Jemma shot up. "Where's my money?"
"As I've already told you, your account—"
The man in front of her was taller and broader, but Jemma was quicker. She snatched open the door and was heading toward the teller counter before he grabbed her and pushed her back inside the room, where, for a few minutes, she heard only her heavy breathing.
She studied his face, looking for the lie, but it wasn't there. He was telling her the truth. Honorine had called while Jemma was sitting in the back of a cab, crying over her dead brother, and had closed her account. She'd withdrawn one hundred dollars the last time she'd been here, to buy a couple of new dresses and shoes, to get her hair done for the first time in six months. Jemma was down to her last ten dollars and there was a cabdriver waiting for her outside.
"What did she do with my money?"
The man didn't answer, simply stood there with his arms folded.
"Fine," she said. "You won't let her walk through the front door, but you'll keep her money here and let her get on the phone and take my money, money that I earned. Fine. Let me out of here."

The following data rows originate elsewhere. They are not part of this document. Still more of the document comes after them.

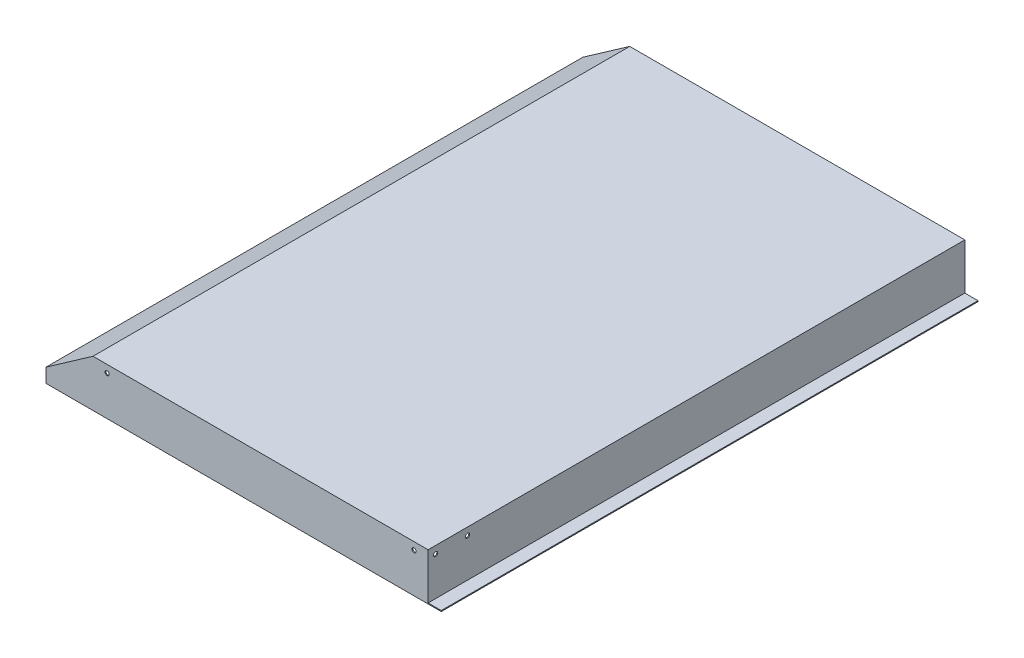
from build123d import *

# Parameters (mm, degrees)
EXTRUDE_1_DEPTH     = 571
SHELL_1_T           = -2
SKETCH_2_W          = 30
SKETCH_2_H          = 1142
EXTRUDE_2_DEPTH     = 2
SKETCH_3_R          = 4.5
CUT_EXTRUDE_1_DEPTH = 1175
EXTRUDE_3_DEPTH     = 2
SKETCH_6_R          = 4.5
CUT_EXTRUDE_2_DEPTH = 2
SKETCH_7_R          = 4.5
CUT_EXTRUDE_3_DEPTH = 10


with BuildPart() as part:
    # 草图1 → 凸台-拉伸1 (new, symmetric)
    with BuildSketch(Plane.XY):
        Polygon((0, 0), (-813, 0), (-813, 30), (-713.029639528, 100), (0, 100), align=None)
    extrude(amount=EXTRUDE_1_DEPTH, both=True)

    # 抽壳1
    shell_1_openings = [part.faces().sort_by_distance(p)[0] for p in [
        (-406.5, 0, 0),
    ]]
    offset(amount=SHELL_1_T, openings=shell_1_openings, kind=Kind.INTERSECTION)

    # 草图2 → 凸台-拉伸2 (add)
    with BuildSketch(Plane.XZ):
        with Locations((13, 0)):
            Rectangle(SKETCH_2_W, SKETCH_2_H)
    extrude(amount=-EXTRUDE_2_DEPTH)

    # 草图3 → 切除-拉伸1 (cut)
    with BuildSketch(Plane.XY.offset(571)):
        with Locations((-683.029639528, 84)):
            Circle(SKETCH_3_R)
        with Locations((-30, 84)):
            Circle(SKETCH_3_R)
    extrude(amount=-CUT_EXTRUDE_1_DEPTH, mode=Mode.SUBTRACT)

    # 草图5 → 凸台-拉伸3 (add)
    with BuildSketch(Plane.XZ):
        Polygon((-783, 541), (0, 541), (0, 571), (-813, 571), (-813, -571), (0, -571), (0, -541), (-783, -541), align=None)
    extrude(amount=-EXTRUDE_3_DEPTH)

    # 草图6 → 切除-拉伸2 (cut)
    with BuildSketch(Plane.XZ):
        with Locations((-797, 541)):
            Circle(SKETCH_6_R)
        with Locations((-797, -541)):
            Circle(SKETCH_6_R)
        with Locations((-797, 0)):
            Circle(SKETCH_6_R)
    extrude(amount=-CUT_EXTRUDE_2_DEPTH, mode=Mode.SUBTRACT)

    # 草图7 → 切除-拉伸3 (cut)
    with BuildSketch(Plane(origin=(0, 0, 0), x_dir=(0, 0, -1), z_dir=(1, 0, 0))):
        with Locations((-555, 84)):
            Circle(SKETCH_7_R)
        with Locations((-487, 84)):
            Circle(SKETCH_7_R)
    extrude(amount=-CUT_EXTRUDE_3_DEPTH, mode=Mode.SUBTRACT)


solid = part.part

"You go straight out the way you came in, girl."
Jemma had no intention of doing it, but when he gripped her arm so tightly that she cried out in pain, she had no choice but to be directed by him to the side door, where he shoved her outside.
She looked for the cab and was relieved to see it parked at the curb a block up instead of right by the door. Hoping that the driver wasn't looking in his rearview mirror, Jemma crept along the side of the building, away from the taxi and the fare she couldn't pay (not if she had to find a place to eat or sleep today), and began running once she turned the corner.
She had to stop and ask for directions a couple of times, but Jemma eventually made her way to Tremé. Dennis had gathered her belongings from the Duchons' lawn and stuffed everything he found inside her suitcase, but it was in the trunk of the taxi she'd run from. All Jemma had were the clothes and shoes she was wearing, and her purse.
She was in even worse shape than when she'd gotten off the train last September.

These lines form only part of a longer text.